A US State Department Fact Sheet (May 14) summarised the basic features of the new regime, which will enter operation for an initial six-month period (May 30-November 25) and be subject to periodic review by the Security Council: "[The] UN escrow account for Iraqi oil revenue and restrictions on items of potential military and military-related use are maintained. UN export controls on purely civilian goods purchased by Iraq are lifted. The delivery of civilian goods purchased by Iraq is streamlined. All contracts for export of goods to Iraq under the oil-for-food programme are presumed approved unless found to contain item(s) on the 'Goods Review List'. The two UN inspection bodies already assigned to monitor Iraq will use the GRL: the UN Monitoring, Verification and Inspection Commission (UNMOVIC) and the International Atomic Energy Agency (IAEA). They will examine all purchase contracts to see if they contain GRL items. UNMOVIC and the IAEA have the authority to approve all non-GRL items. Only items that are covered by the GRL, not entire contracts, will be forwarded to the UN Sanctions Committee for further review, and prompt approval or denial."

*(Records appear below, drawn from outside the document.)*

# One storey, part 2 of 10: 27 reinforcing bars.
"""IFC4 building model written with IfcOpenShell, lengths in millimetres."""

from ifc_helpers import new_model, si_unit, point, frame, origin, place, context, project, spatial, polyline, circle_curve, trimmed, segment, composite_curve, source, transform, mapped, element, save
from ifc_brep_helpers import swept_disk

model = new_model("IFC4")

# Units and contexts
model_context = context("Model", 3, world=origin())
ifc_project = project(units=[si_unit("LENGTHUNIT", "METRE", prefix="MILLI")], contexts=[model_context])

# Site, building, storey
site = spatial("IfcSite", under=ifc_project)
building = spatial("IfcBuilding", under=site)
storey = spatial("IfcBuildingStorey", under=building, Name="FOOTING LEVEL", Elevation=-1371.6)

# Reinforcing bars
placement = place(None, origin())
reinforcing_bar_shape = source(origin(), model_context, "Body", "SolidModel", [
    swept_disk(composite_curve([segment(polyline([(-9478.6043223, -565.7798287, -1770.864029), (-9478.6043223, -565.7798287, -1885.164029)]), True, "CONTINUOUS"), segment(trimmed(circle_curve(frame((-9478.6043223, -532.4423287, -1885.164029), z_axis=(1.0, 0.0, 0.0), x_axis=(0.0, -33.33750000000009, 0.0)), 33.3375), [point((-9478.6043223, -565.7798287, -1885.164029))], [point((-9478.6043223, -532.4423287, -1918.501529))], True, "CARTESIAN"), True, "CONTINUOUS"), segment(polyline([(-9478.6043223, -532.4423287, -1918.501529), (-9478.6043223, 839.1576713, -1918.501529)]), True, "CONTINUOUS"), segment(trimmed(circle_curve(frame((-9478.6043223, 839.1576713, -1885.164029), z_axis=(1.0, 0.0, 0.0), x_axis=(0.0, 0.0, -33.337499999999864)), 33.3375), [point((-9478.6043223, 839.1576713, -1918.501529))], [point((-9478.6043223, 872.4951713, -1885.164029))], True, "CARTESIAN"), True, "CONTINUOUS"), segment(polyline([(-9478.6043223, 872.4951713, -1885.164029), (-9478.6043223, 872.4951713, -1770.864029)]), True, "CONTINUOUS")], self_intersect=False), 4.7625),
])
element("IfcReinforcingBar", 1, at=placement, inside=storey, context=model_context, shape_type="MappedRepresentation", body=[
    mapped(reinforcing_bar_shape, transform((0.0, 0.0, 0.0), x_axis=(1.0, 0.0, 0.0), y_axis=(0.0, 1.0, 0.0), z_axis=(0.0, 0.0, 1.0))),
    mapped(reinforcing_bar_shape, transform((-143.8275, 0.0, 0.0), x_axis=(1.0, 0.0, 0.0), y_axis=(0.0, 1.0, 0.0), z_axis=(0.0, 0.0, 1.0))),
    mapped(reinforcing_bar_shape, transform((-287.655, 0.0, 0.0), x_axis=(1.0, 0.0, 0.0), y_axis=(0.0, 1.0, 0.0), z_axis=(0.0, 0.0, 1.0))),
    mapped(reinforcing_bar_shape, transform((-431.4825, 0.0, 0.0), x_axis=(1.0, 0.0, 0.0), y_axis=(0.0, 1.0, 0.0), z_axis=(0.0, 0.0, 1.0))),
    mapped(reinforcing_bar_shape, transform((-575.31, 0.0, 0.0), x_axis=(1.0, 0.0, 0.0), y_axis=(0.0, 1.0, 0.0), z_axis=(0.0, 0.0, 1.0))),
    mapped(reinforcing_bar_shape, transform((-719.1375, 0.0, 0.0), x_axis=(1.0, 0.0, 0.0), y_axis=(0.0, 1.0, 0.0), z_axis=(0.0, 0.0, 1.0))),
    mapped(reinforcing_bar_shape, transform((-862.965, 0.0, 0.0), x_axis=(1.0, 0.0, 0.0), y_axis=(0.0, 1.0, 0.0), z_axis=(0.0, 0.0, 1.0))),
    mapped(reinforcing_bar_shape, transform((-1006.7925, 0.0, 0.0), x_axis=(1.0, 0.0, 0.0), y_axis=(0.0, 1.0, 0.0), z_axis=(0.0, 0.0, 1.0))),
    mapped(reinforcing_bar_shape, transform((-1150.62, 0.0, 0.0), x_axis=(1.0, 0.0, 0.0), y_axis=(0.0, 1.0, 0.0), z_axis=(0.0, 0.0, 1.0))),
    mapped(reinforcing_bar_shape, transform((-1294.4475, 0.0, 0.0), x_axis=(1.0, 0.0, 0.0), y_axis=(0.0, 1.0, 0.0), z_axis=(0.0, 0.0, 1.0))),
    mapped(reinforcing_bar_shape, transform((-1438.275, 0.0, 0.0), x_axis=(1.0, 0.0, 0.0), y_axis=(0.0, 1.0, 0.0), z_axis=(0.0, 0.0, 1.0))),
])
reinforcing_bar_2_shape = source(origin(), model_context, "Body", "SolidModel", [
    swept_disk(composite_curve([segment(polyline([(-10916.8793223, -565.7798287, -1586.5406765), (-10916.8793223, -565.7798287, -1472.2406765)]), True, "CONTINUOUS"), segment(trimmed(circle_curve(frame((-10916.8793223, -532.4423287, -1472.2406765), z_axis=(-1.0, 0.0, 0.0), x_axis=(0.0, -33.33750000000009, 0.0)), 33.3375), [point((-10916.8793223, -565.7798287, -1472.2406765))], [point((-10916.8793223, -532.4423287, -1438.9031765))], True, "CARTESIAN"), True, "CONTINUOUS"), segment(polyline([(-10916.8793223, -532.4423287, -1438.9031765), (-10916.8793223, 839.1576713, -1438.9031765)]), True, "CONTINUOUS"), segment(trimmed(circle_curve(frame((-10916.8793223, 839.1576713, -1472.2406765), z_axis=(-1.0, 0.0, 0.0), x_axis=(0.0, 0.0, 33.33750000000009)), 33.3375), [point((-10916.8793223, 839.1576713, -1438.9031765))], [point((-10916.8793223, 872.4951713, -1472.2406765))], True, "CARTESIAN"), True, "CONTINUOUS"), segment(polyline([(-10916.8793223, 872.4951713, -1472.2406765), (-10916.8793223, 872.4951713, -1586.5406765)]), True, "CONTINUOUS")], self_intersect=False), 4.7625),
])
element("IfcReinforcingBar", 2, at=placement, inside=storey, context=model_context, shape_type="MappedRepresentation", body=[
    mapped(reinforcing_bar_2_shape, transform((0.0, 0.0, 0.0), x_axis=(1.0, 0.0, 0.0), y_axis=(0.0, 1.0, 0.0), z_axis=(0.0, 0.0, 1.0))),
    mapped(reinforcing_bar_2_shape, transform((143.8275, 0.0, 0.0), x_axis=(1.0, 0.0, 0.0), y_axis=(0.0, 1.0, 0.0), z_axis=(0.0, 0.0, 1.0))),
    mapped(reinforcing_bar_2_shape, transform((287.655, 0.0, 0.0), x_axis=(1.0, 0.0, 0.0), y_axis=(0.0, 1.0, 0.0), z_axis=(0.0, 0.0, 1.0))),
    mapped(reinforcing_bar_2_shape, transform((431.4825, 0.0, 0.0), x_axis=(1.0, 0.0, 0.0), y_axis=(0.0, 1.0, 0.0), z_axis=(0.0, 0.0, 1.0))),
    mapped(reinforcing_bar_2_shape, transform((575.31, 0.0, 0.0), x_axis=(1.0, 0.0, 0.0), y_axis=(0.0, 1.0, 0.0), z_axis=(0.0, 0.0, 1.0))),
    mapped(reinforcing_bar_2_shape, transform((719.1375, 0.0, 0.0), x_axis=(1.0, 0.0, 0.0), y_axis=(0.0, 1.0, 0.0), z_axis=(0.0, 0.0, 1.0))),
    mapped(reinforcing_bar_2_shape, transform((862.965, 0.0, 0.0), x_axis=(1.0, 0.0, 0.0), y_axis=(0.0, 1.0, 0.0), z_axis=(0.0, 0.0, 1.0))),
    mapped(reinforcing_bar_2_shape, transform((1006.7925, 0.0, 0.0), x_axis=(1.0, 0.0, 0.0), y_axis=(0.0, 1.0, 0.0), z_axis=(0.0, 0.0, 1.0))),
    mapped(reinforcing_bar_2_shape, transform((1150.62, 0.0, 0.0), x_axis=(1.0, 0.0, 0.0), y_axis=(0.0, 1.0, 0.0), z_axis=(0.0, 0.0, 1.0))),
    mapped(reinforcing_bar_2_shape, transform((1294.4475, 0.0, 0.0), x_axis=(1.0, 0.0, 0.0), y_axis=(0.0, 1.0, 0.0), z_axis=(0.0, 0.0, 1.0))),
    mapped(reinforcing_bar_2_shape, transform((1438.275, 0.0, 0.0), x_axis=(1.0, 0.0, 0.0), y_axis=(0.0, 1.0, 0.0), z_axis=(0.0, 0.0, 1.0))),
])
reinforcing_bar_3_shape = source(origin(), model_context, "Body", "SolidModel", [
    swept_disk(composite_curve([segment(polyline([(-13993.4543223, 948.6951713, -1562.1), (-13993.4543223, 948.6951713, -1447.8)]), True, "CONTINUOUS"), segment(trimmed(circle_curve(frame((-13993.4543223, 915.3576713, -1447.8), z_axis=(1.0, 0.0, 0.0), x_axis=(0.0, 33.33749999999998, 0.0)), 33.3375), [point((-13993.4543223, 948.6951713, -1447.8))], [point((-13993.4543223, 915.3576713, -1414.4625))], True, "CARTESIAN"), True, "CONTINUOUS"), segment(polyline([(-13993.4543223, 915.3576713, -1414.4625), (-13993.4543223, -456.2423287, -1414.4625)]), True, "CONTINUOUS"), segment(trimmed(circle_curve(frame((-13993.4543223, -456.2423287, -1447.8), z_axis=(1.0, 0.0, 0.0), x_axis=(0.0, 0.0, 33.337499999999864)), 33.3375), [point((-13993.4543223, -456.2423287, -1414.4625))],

The diplomatic road to smart sanctions was long and hard, partly because of the level of detail involved in finalising the GRL, but principally due to a minority view on the Council, held notably by Russia, that a focus on revising sanctions detracted from the need to find a fundamental political solution to the problem of Iraq's refusal to allow weapons inspectors to return and certify the country's WMD-disarmament. From the perspective of the United States, the new arrangement takes the sting out of the damaging international argument that sanctions were deliberately targeted against Iraqi civilians. For the Bush administration too, however, the issue is not sanctions but the WMD-threat posed by Baghdad. Where most states see the answer lying clearly with a return of inspectors, with a strong hand to complete their task, the US, and possibly the UK, see a danger of the Saddam Hussein regime agreeing to an inadequate inspection regime to rush through a complete lifting of sanctions and save his own regime from a military attack now openly and routinely discussed in Washington.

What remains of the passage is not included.